DISE as a diagnostic procedure has important logistical drawbacks. There are costs and risks (allergic reaction and airway obstruction) that must be balanced against the benefits of the procedure, and ultimately specific subgroups of patients may benefit most from the procedure.
Although DISE has demonstrated validity compared to a gold standard of polysomnography,10-13
the ideal fiberoptic evaluation of the airway would occur with natural sleep. Previous researchers have shown that this is cumbersome and problematic, in part due to activation of airway reflexes with instrumentation. DISE requires drug-induced sleep, and the differences from natural sleep have not been elucidated completely.
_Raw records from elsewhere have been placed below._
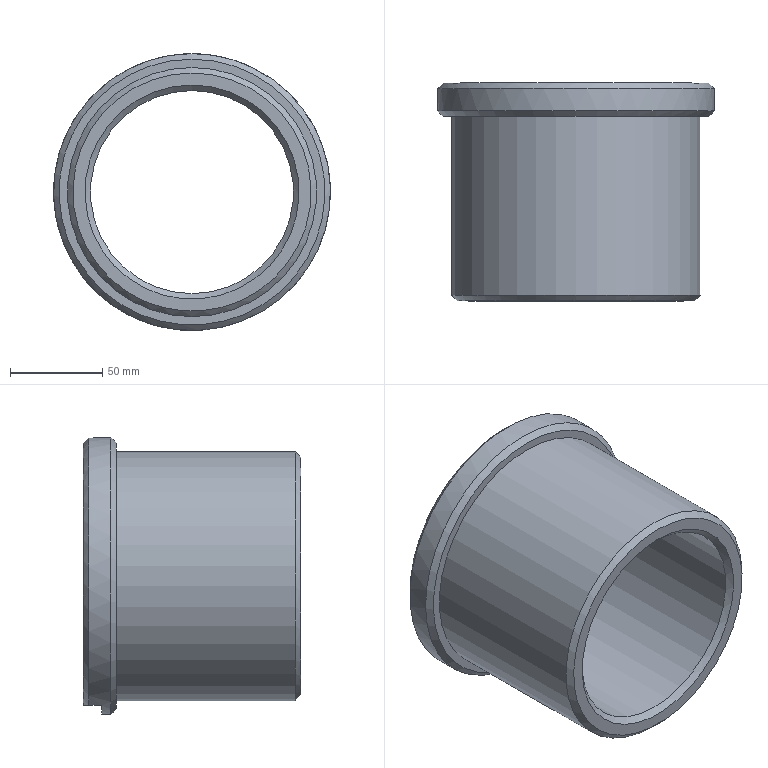Component | NX | BORE_BUSHING | 1 solid | 13 faces | box 150 x 118 x 150 mm | volume 617263 mm3 | plane 5 | cone 5 | cylinder 3 | commonest cylinder face diameters 135 x1 150 x1 110 x1
STEP:
#1=CARTESIAN_POINT('',(0.,0.,0.));
#2=DIRECTION('',(0.,0.,1.));
#3=DIRECTION('',(1.,0.,0.));
#4=AXIS2_PLACEMENT_3D('',#1,#2,#3);
#5=CARTESIAN_POINT('',(0.,42.5,208.));
#6=VERTEX_POINT('',#5);
#7=CARTESIAN_POINT('',(0.,42.5,150.));
#8=DIRECTION('',(0.,1.,0.));
#9=DIRECTION('',(0.,0.,1.));
#10=AXIS2_PLACEMENT_3D('',#7,#8,#9);
#11=CIRCLE('',#10,58.);
#12=CARTESIAN_POINT('',(0.,42.5,150.));
#13=DIRECTION('',(0.,-1.,0.));
#14=DIRECTION('',(0.,0.,1.));
#15=AXIS2_PLACEMENT_3D('',#12,#13,#14);
#16=PLANE('',#15);
#17=CARTESIAN_POINT('',(58.,0.));
#18=CARTESIAN_POINT('',(58.,-100.459));
#19=CARTESIAN_POINT('',(-29.,-50.229));
#20=CARTESIAN_POINT('',(-116.,-0.));
#21=CARTESIAN_POINT('',(-29.,50.229));
#22=CARTESIAN_POINT('',(58.,100.459));
#23=CARTESIAN_POINT('',(58.,0.));
#24=(BOUNDED_CURVE()B_SPLINE_CURVE(2,(#17,#18,#19,#20,#21,#22,#23),.UNSPECIFIED.,.T.,.F.)B_SPLINE_CURVE_WITH_KNOTS((1,2,2,2,2,1),(-2.094,0.,2.094,4.189,6.283,8.378),.UNSPECIFIED.)CURVE()GEOMETRIC_REPRESENTATION_ITEM()RATIONAL_B_SPLINE_CURVE((1.,0.5,1.,0.5,1.,0.5,1.))REPRESENTATION_ITEM(''));
#25=(GEOMETRIC_REPRESENTATION_CONTEXT(2)PARAMETRIC_REPRESENTATION_CONTEXT()REPRESENTATION_CONTEXT('',''));
#26=DEFINITIONAL_REPRESENTATION('',(#24),#25);
#27=PCURVE('',#16,#26);
#28=CARTESIAN_POINT('',(0.,45.5,150.));
#29=DIRECTION('',(0.,-1.,0.));
#30=DIRECTION('',(0.,0.,1.));
#31=AXIS2_PLACEMENT_3D('',#28,#29,#30);
#32=CONICAL_SURFACE('',#31,55.,0.7854);
#33=CARTESIAN_POINT('',(6.283,3.));
#34=DIRECTION('',(-1.,0.));
#35=VECTOR('',#34,1.);
#36=LINE('',#33,#35);
#37=(GEOMETRIC_REPRESENTATION_CONTEXT(2)PARAMETRIC_REPRESENTATION_CONTEXT()REPRESENTATION_CONTEXT('',''));
#38=DEFINITIONAL_REPRESENTATION('',(#36),#37);
#39=PCURVE('',#32,#38);
#40=SURFACE_CURVE('',#11,(#27,#39),.PCURVE_S1.);
#41=EDGE_CURVE('',#6,#6,#40,.T.);
#42=ORIENTED_EDGE('',*,*,#41,.T.);
#43=EDGE_LOOP('',(#42));
#44=FACE_BOUND('',#43,.T.);
#45=CARTESIAN_POINT('',(0.,42.5,214.5));
#46=VERTEX_POINT('',#45);
#47=CARTESIAN_POINT('',(0.,42.5,150.));
#48=DIRECTION('',(0.,-1.,0.));
#49=DIRECTION('',(0.,0.,1.));
#50=AXIS2_PLACEMENT_3D('',#47,#48,#49);
#51=CIRCLE('',#50,64.5);
#52=CARTESIAN_POINT('',(0.,0.));
#53=DIRECTION('',(1.,0.));
#54=AXIS2_PLACEMENT_2D('',#52,#53);
#55=CIRCLE('',#54,64.5);
#56=(GEOMETRIC_REPRESENTATION_CONTEXT(2)PARAMETRIC_REPRESENTATION_CONTEXT()REPRESENTATION_CONTEXT('',''));
#57=DEFINITIONAL_REPRESENTATION('',(#55),#56);
#58=PCURVE('',#16,#57);
#59=CARTESIAN_POINT('',(0.,45.5,150.));
#60=DIRECTION('',(0.,1.,0.));
#61=DIRECTION('',(0.,0.,-1.));
#62=AXIS2_PLACEMENT_3D('',#59,#60,#61);
#63=CONICAL_SURFACE('',#62,67.5,0.7854);
#64=CARTESIAN_POINT('',(9.425,-3.));
#65=DIRECTION('',(-1.,0.));
#66=VECTOR('',#65,1.);
#67=LINE('',#64,#66);
#68=(GEOMETRIC_REPRESENTATION_CONTEXT(2)PARAMETRIC_REPRESENTATION_CONTEXT()REPRESENTATION_CONTEXT('',''));
#69=DEFINITIONAL_REPRESENTATION('',(#67),#68);
#70=PCURVE('',#63,#69);
#71=SURFACE_CURVE('',#51,(#58,#70),.PCURVE_S1.);
#72=EDGE_CURVE('',#46,#46,#71,.T.);
#73=ORIENTED_EDGE('',*,*,#72,.T.);
#74=EDGE_LOOP('',(#73));
#75=FACE_BOUND('',#74,.T.);
#76=ADVANCED_FACE('',(#44,#75),#16,.T.);
#77=CARTESIAN_POINT('',(0.,45.5,217.5));
#78=VERTEX_POINT('',#77);
#79=CARTESIAN_POINT('',(0.,45.5,150.));
#80=DIRECTION('',(0.,1.,0.));
#81=DIRECTION('',(0.,0.,1.));
#82=AXIS2_PLACEMENT_3D('',#79,#80,#81);
#83=CIRCLE('',#82,67.5);
#84=CARTESIAN_POINT('',(0.,42.5,150.));
#85=DIRECTION('',(0.,1.,0.));
#86=DIRECTION('',(0.,0.,-1.));
#87=AXIS2_PLACEMENT_3D('',#84,#85,#86);
#88=CYLINDRICAL_SURFACE('',#87,67.5);
#89=CARTESIAN_POINT('',(3.142,3.));
#90=DIRECTION('',(1.,0.));
#91=VECTOR('',#90,1.);
#92=LINE('',#89,#91);
#93=(GEOMETRIC_REPRESENTATION_CONTEXT(2)PARAMETRIC_REPRESENTATION_CONTEXT()REPRESENTATION_CONTEXT('',''));
#94=DEFINITIONAL_REPRESENTATION('',(#92),#93);
#95=PCURVE('',#88,#94);
#96=CARTESIAN_POINT('',(3.142,0.));
#97=DIRECTION('',(1.,0.));
#98=VECTOR('',#97,1.);
#99=LINE('',#96,#98);
#100=(GEOMETRIC_REPRESENTATION_CONTEXT(2)PARAMETRIC_REPRESENTATION_CONTEXT()REPRESENTATION_CONTEXT('',''));
#101=DEFINITIONAL_REPRESENTATION('',(#99),#100);
#102=PCURVE('',#63,#101);
#103=SURFACE_CURVE('',#83,(#95,#102),.PCURVE_S1.);
#104=EDGE_CURVE('',#78,#78,#103,.T.);
#105=ORIENTED_EDGE('',*,*,#104,.T.);
#106=CARTESIAN_POINT('',(0.,142.5,217.5));
#107=VERTEX_POINT('',#106);
#108=CARTESIAN_POINT('',(-0.,45.5,217.5));
#109=CARTESIAN_POINT('',(-0.,142.5,217.5));
#110=B_SPLINE_CURVE_WITH_KNOTS('',1,(#108,#109),.UNSPECIFIED.,.F.,.F.,(2,2),(3.,100.),.PIECEWISE_BEZIER_KNOTS.);
#111=CARTESIAN_POINT('',(9.425,0.));
#112=DIRECTION('',(0.,1.));
#113=VECTOR('',#112,1.);
#114=LINE('',#111,#113);
#115=(GEOMETRIC_REPRESENTATION_CONTEXT(2)PARAMETRIC_REPRESENTATION_CONTEXT()REPRESENTATION_CONTEXT('',''));
#116=DEFINITIONAL_REPRESENTATION('',(#114),#115);
#117=PCURVE('',#88,#116);
#118=CARTESIAN_POINT('',(3.142,0.));
#119=DIRECTION('',(0.,1.));
#120=VECTOR('',#119,1.);
#121=LINE('',#118,#120);
#122=(GEOMETRIC_REPRESENTATION_CONTEXT(2)PARAMETRIC_REPRESENTATION_CONTEXT()REPRESENTATION_CONTEXT('',''));
#123=DEFINITIONAL_REPRESENTATION('',(#121),#122);
#124=PCURVE('',#88,#123);
#125=SEAM_CURVE('',#110,(#117,#124),.PCURVE_S1.);
#126=EDGE_CURVE('',#78,#107,#125,.T.);
#127=ORIENTED_EDGE('',*,*,#126,.T.);
#128=CARTESIAN_POINT('',(0.,142.5,150.));
#129=DIRECTION('',(0.,1.,0.));
#130=DIRECTION('',(0.,0.,1.));
#131=AXIS2_PLACEMENT_3D('',#128,#129,#130);
#132=CIRCLE('',#131,67.5);
#133=CARTESIAN_POINT('',(3.142,100.));
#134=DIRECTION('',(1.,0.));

Because there is likely heterogeneity in the anatomical factors that produce airway obstruction in OSA, it is reassuring that patients in this study demonstrated a diversity of obstruction patterns during DISE. Further research can compare upper airway mechanics and physiology during drug-induced and natural sleep.
The final limitation of our study was that both reviewers are experienced sleep surgeons. We examined four types of test-retest reliability and found that the correlation for ratings for two different reviewers was similar to the correlation for different evaluations and exams. The generalizability of the findings can be explored with larger studies that include more reviewers.